Dave Abrahams wrote:
*Scenario D:* We try for scenario A. and people still use Qstrings, wxStrings, etc.
*Scenario E:* We add another string class and everyone adopts it
The problem with using an Unicode string, be it QString or utf8_string, to represent paths is that it forces you to pick an encoding under POSIX. When the OS gives you a file name as char*, to store it in your Unicode string, you have to interpret it. Then, to give it back to the OS, you have to de-interpret it. This forces you to choose between two evils: you can opt to use a single byte encoding such as ISO-8859-1, which gives you perfect round-trip, but leads to the problem that people can enter a Cyrillic file name in your Unicode-enabled GUI and see something odd happen on disk, even when their shell is configured as UTF-8 and can show Cyrillic names.

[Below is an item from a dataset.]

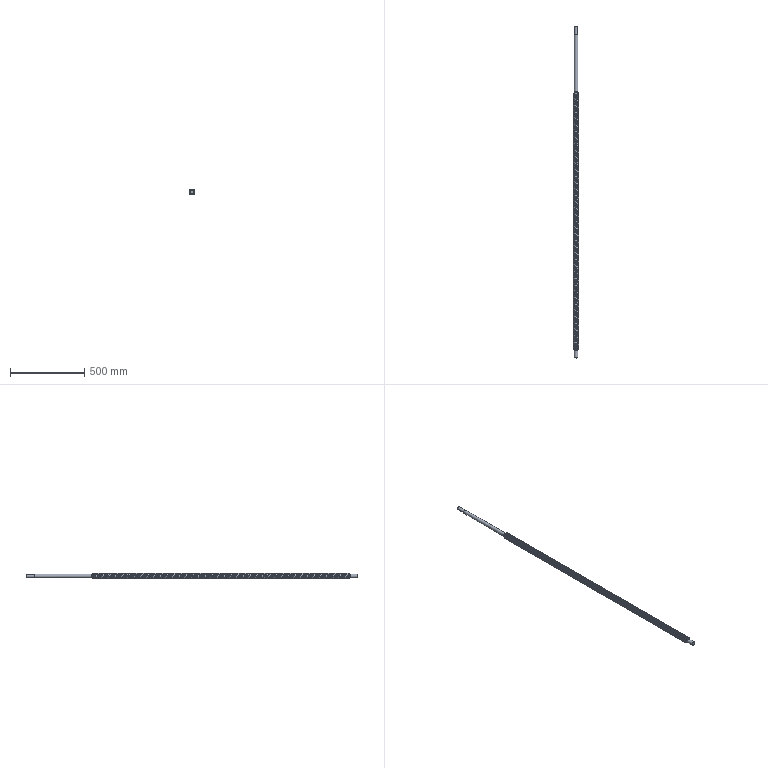Component | NX | LEAD_SCREW | 1 solid | 16 faces | volume 1883468 mm3 | plane 7 | cylinder 6 | spline 3 | commonest cylinder face diameters 25 x2 24 x2 40 x1 20 x1

Or, you can choose to use UTF-8, in which case the OS can give you a name which you can't decode properly, because it's invalid UTF-8. There is no single good answer to this, of course; even if you go with my recommended approach as treating paths as byte sequences unless and until you need to display them (in which case you treat them as UTF-8), there'll still be paths that won't show up properly on the screen. But the program will be able to work with them, even if they are undisplayable. To give a simple example: int my_main( int ac, char const* av[] ) { my_fopen( av[1] ); } Since files can have arbitrary byte sequences as names under POSIX (Mac OS X excluded), if my_fopen insists on taking valid UTF-8, it will refuse to open the file.